# Tool to Use on Rubbermaid Water Tank Plugs and Heaters.



## KsKatt (Jun 2, 2014)

What do you use to tighten/loosen those darn things? There has got to be some tool that works just right. Using my fingers, I can get it fairly tight, but not tight enough. I usually come up with something that does the job, with effort, but then I can't remember what it was the next time.


----------



## karliejaye (Nov 19, 2011)

Do you have a crescent wrench that is the right size? We have a "Little Giant" trough with a screw in plug that is hexagonal, I assume the rubbermaid is the same?


----------



## boots (Jan 16, 2012)

I did three two weeks ago.

I used a pipe wrench to get the plugs out and a pipe wrench and a regular wrench to put the heaters in.


----------



## KsKatt (Jun 2, 2014)

The fact that the plug is in a small recessed area, you can't maneuver with tools. That pipe wrench is all the way open and is about a half inch too small. I do have a channel lock wrench that works some, but it is so awkward in that little space.


----------



## JCnGrace (Apr 28, 2013)

I use pliers that look like this for installing or removing the heater:

Plumbers Pliers Types - Bing Images

Can still only do about a quarter of a turn before repositioning.

For the tank plug I use an adjustable wrench.


----------



## KsKatt (Jun 2, 2014)

I have a pair of pliers that look like that, I heard them called channel lock pliers. They are just barely big enough.
I guess what surprises me is that rubbermaid designed these tanks and plugs/de-icers and did not design a tool to work on it? I would buy one, even if it couldn't be used for anything else, I would need it on multiple tanks twice a year. I learned that leaving the de-icer in year round is not a good idea.:-| The de-icer lasts much longer if removed in the summer and put the plug in for that time.


----------



## PaintHorseMares (Apr 19, 2008)

Look at a sink drain wrench. Plumbers have all sorts of neat tools for large nuts in cramped locations.
_Posted via Mobile Device_


----------



## KsKatt (Jun 2, 2014)

Size does matter, don't let anybody tell you different!:think:

I liked the looks of this one and the short handles don't spread out so far, with my dinky hands.:wink: Worked quite well!
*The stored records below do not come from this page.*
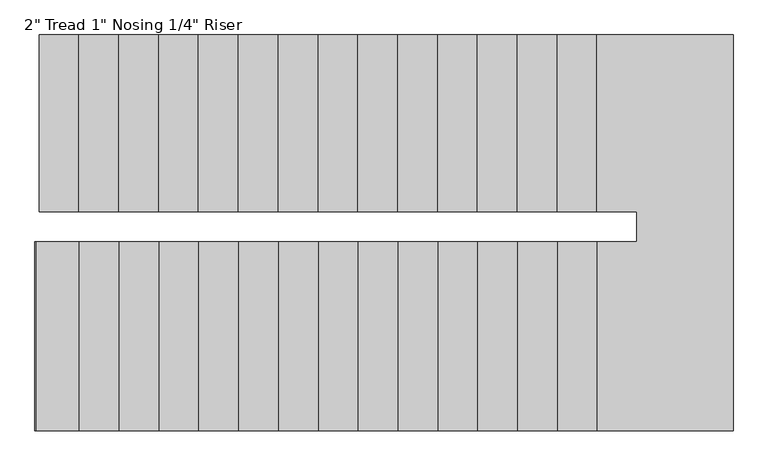
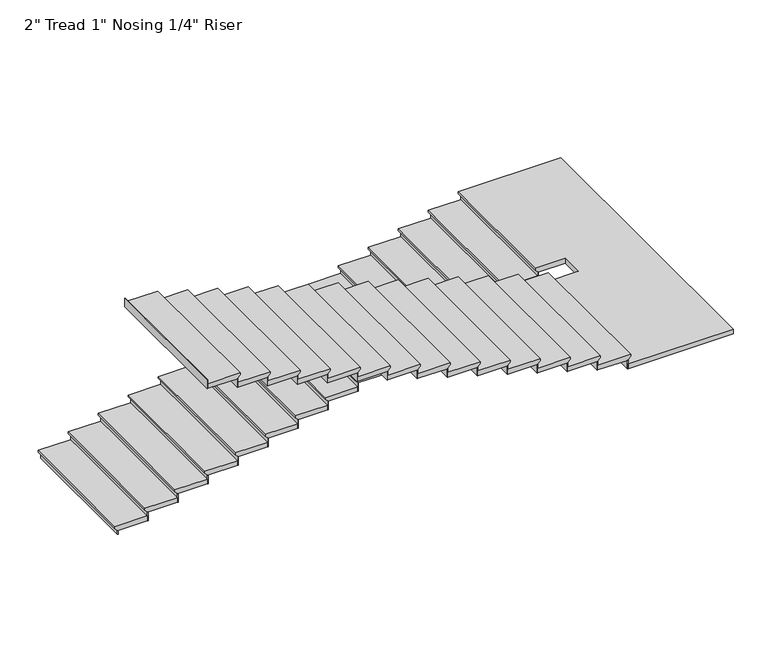
"""IFC4 building model written with IfcOpenShell, lengths in millimetres: stair flight geometry."""

from ifc_helpers import new_model, si_unit, origin, place, context, project, spatial, faceted_brep, source, transform, mapped, element, save


def stair_flight_b8102c9e(model_context):
    return source(origin(), model_context, "Body", "Brep", [
        faceted_brep([(-5254.0891351, 11154.2082924, 6168.39), (-5254.0891351, 11154.2082924, 6187.44), (-5254.0891351, 12506.0715905, 6187.44), (-5254.0891351, 12506.0715905, 6168.39), (-5228.6891351, 11154.2082924, 6142.99), (-5228.6891351, 12506.0715905, 6142.99), (-4923.8891351, 11154.2082924, 6187.44), (-4923.8891351, 12506.0715905, 6187.44), (-5228.6891351, 12506.0715905, 6136.64), (-4923.8891351, 12506.0715905, 6136.64), (-4923.8891351, 11154.2082924, 6136.64), (-5228.6891351, 11154.2082924, 6136.64)], [[[0, 1, 2, 3]], [[4, 0, 3, 5]], [[2, 1, 6, 7]], [[8, 9, 10, 11]], [[2, 7, 9, 8, 5, 3]], [[8, 11, 4, 5]], [[6, 1, 0, 4, 11, 10]], [[7, 6, 10, 9]]]),
        faceted_brep([(-5228.6891351, 11154.2082924, 6136.64), (-5228.6891351, 11154.2082924, 6096.0), (-5222.3391351, 11154.2082924, 6096.0), (-5222.3391351, 11154.2082924, 6136.64), (-5228.6891351, 12506.0715905, 6136.64), (-5222.3391351, 12506.0715905, 6136.64), (-5222.3391351, 12506.0715905, 6096.0), (-5228.6891351, 12506.0715905, 6096.0)], [[[0, 1, 2, 3]], [[4, 5, 6, 7]], [[1, 0, 4, 7]], [[2, 1, 7, 6]], [[3, 2, 6, 5]], [[0, 3, 5, 4]]]),
        faceted_brep([(-4923.8891351, 11154.2082924, 6228.08), (-4923.8891351, 11154.2082924, 6136.64), (-4917.5391351, 11154.2082924, 6136.64), (-4917.5391351, 11154.2082924, 6228.08), (-4923.8891351, 12506.0715905, 6228.08), (-4917.5391351, 12506.0715905, 6228.08), (-4917.5391351, 12506.0715905, 6136.64), (-4923.8891351, 12506.0715905, 6136.64)], [[[0, 1, 2, 3]], [[4, 5, 6, 7]], [[1, 0, 4, 7]], [[2, 1, 7, 6]], [[3, 2, 6, 5]], [[0, 3, 5, 4]]]),
        faceted_brep([(-4949.2891351, 12506.0715905, 6278.88), (-4949.2891351, 11154.2082924, 6278.88), (-4619.0891351, 11154.2082924, 6278.88), (-4619.0891351, 12506.0715905, 6278.88), (-4923.8891351, 12506.0715905, 6228.08), (-4619.0891351, 12506.0715905, 6228.08), (-4619.0891351, 11154.2082924, 6228.08), (-4923.8891351, 11154.2082924, 6228.08), (-4923.8891351, 12506.0715905, 6234.43), (-4949.2891351, 12506.0715905, 6259.83), (-4923.8891351, 11154.2082924, 6234.43), (-4949.2891351, 11154.2082924, 6259.83)], [[[0, 1, 2, 3]], [[4, 5, 6, 7]], [[0, 3, 5, 4, 8, 9]], [[4, 7, 10, 8]], [[2, 1, 11, 10, 7, 6]], [[3, 2, 6, 5]], [[11, 1, 0, 9]], [[10, 11, 9, 8]]]),
        faceted_brep([(-4619.0891351, 11154.2082924, 6319.52), (-4619.0891351, 11154.2082924, 6228.08), (-4612.7391351, 11154.2082924, 6228.08), (-4612.7391351, 11154.2082924, 6319.52), (-4619.0891351, 12506.0715905, 6319.52), (-4612.7391351, 12506.0715905, 6319.52), (-4612.7391351, 12506.0715905, 6228.08), (-4619.0891351, 12506.0715905, 6228.08)], [[[0, 1, 2, 3]], [[4, 5, 6, 7]], [[1, 0, 4, 7]], [[2, 1, 7, 6]], [[3, 2, 6, 5]], [[0, 3, 5, 4]]]),
        faceted_brep([(-4644.4891351, 12506.0715905, 6370.32), (-4644.4891351, 11154.2082924, 6370.32), (-4314.2891351, 11154.2082924, 6370.32), (-4314.2891351, 12506.0715905, 6370.32), (-4619.0891351, 12506.0715905, 6319.52), (-4314.2891351, 12506.0715905, 6319.52), (-4314.2891351, 11154.2082924, 6319.52), (-4619.0891351, 11154.2082924, 6319.52), (-4619.0891351, 12506.0715905, 6325.87), (-4644.4891351, 12506.0715905, 6351.27), (-4619.0891351, 11154.2082924, 6325.87), (-4644.4891351, 11154.2082924, 6351.27)], [[[0, 1, 2, 3]], [[4, 5, 6, 7]], [[0, 3, 5, 4, 8, 9]], [[4, 7, 10, 8]], [[2, 1, 11, 10, 7, 6]], [[3, 2, 6, 5]], [[11, 1, 0, 9]], [[10, 11, 9, 8]]]),
        faceted_brep([(-4314.2891351, 11154.2082924, 6410.96), (-4314.2891351, 11154.2082924, 6319.52), (-4307.9391351, 11154.2082924, 6319.52), (-4307.9391351, 11154.2082924, 6410.96), (-4314.2891351, 12506.0715905, 6410.96), (-4307.9391351, 12506.0715905, 6410.96), (-4307.9391351, 12506.0715905, 6319.52), (-4314.2891351, 12506.0715905, 6319.52)], [[[0, 1, 2, 3]], [[4, 5, 6, 7]], [[1, 0, 4, 7]], [[2, 1, 7, 6]], [[3, 2, 6, 5]], [[0, 3, 5, 4]]]),
        faceted_brep([(-4339.6891351, 12506.0715905, 6461.76), (-4339.6891351, 11154.2082924, 6461.76), (-4009.4891351, 11154.2082924, 6461.76), (-4009.4891351, 12506.0715905, 6461.76), (-4314.2891351, 12506.0715905, 6410.96), (-4009.4891351, 12506.0715905, 6410.96), (-4009.4891351, 11154.2082924, 6410.96), (-4314.2891351, 11154.2082924, 6410.96), (-4314.2891351, 12506.0715905, 6417.31), (-4339.6891351, 12506.0715905, 6442.71), (-4314.2891351, 11154.2082924, 6417.31), (-4339.6891351, 11154.2082924, 6442.71)], [[[0, 1, 2, 3]], [[4, 5, 6, 7]], [[0, 3, 5, 4, 8, 9]], [[4, 7, 10, 8]], [[2, 1, 11, 10, 7, 6]], [[3, 2, 6, 5]], [[11, 1, 0, 9]], [[10, 11, 9, 8]]]),
        faceted_brep([(-4009.4891351, 11154.2082924, 6502.4), (-4009.4891351, 11154.2082924, 6410.96), (-4003.1391351, 11154.2082924, 6410.96), (-4003.1391351, 11154.2082924, 6502.4), (-4009.4891351, 12506.0715905, 6502.4), (-4003.1391351, 12506.0715905, 6502.4), (-4003.1391351, 12506.0715905, 6410.96), (-4009.4891351, 12506.0715905, 6410.96)], [[[0, 1, 2, 3]], [[4, 5, 6, 7]], [[1, 0, 4, 7]], [[2, 1, 7, 6]], [[3, 2, 6, 5]], [[0, 3, 5, 4]]]),
        faceted_brep([(-4034.8891351, 12506.0715905, 6553.2), (-4034.8891351, 11154.2082924, 6553.2), (-3704.6891351, 11154.2082924, 6553.2), (-3704.6891351, 12506.0715905, 6553.2), (-4009.4891351, 12506.0715905, 6502.4), (-3704.6891351, 12506.0715905, 6502.4), (-3704.6891351, 11154.2082924, 6502.4), (-4009.4891351, 11154.2082924, 6502.4), (-4009.4891351, 12506.0715905, 6508.75), (-4034.8891351, 12506.0715905, 6534.15), (-4009.4891351, 11154.2082924, 6508.75), (-4034.8891351, 11154.2082924, 6534.15)], [[[0, 1, 2, 3]], [[4, 5, 6, 7]], [[0, 3, 5, 4, 8, 9]], [[4, 7, 10, 8]], [[2, 1, 11, 10, 7, 6]], [[3, 2, 6, 5]], [[11, 1, 0, 9]], [[10, 11, 9, 8]]]),
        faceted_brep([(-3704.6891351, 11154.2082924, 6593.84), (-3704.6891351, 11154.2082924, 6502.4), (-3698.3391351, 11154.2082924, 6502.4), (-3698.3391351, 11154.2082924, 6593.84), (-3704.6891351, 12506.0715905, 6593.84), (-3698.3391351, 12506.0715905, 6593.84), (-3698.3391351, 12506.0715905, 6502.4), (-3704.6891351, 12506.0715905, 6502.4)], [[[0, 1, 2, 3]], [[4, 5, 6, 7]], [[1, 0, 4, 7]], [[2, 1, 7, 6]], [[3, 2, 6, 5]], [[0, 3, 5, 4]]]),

The tank has water just over the washer/plug checking for leaking. I want it tight enough but not too tight. Lookin' good!


----------



## JCnGrace (Apr 28, 2013)

That tool looks handy KsKatt. 

We're hard on water tanks for some reason and they'll always get a crack on that top inner ledge (old design-last one I bought they'd finally changed it). I have hubby patch them the best he can but they'll still have a slow leak so I'll use the leaking ones for summer and then keep heaters in the good tanks for winter use. Saves me from doing lots of cussing. LOL


----------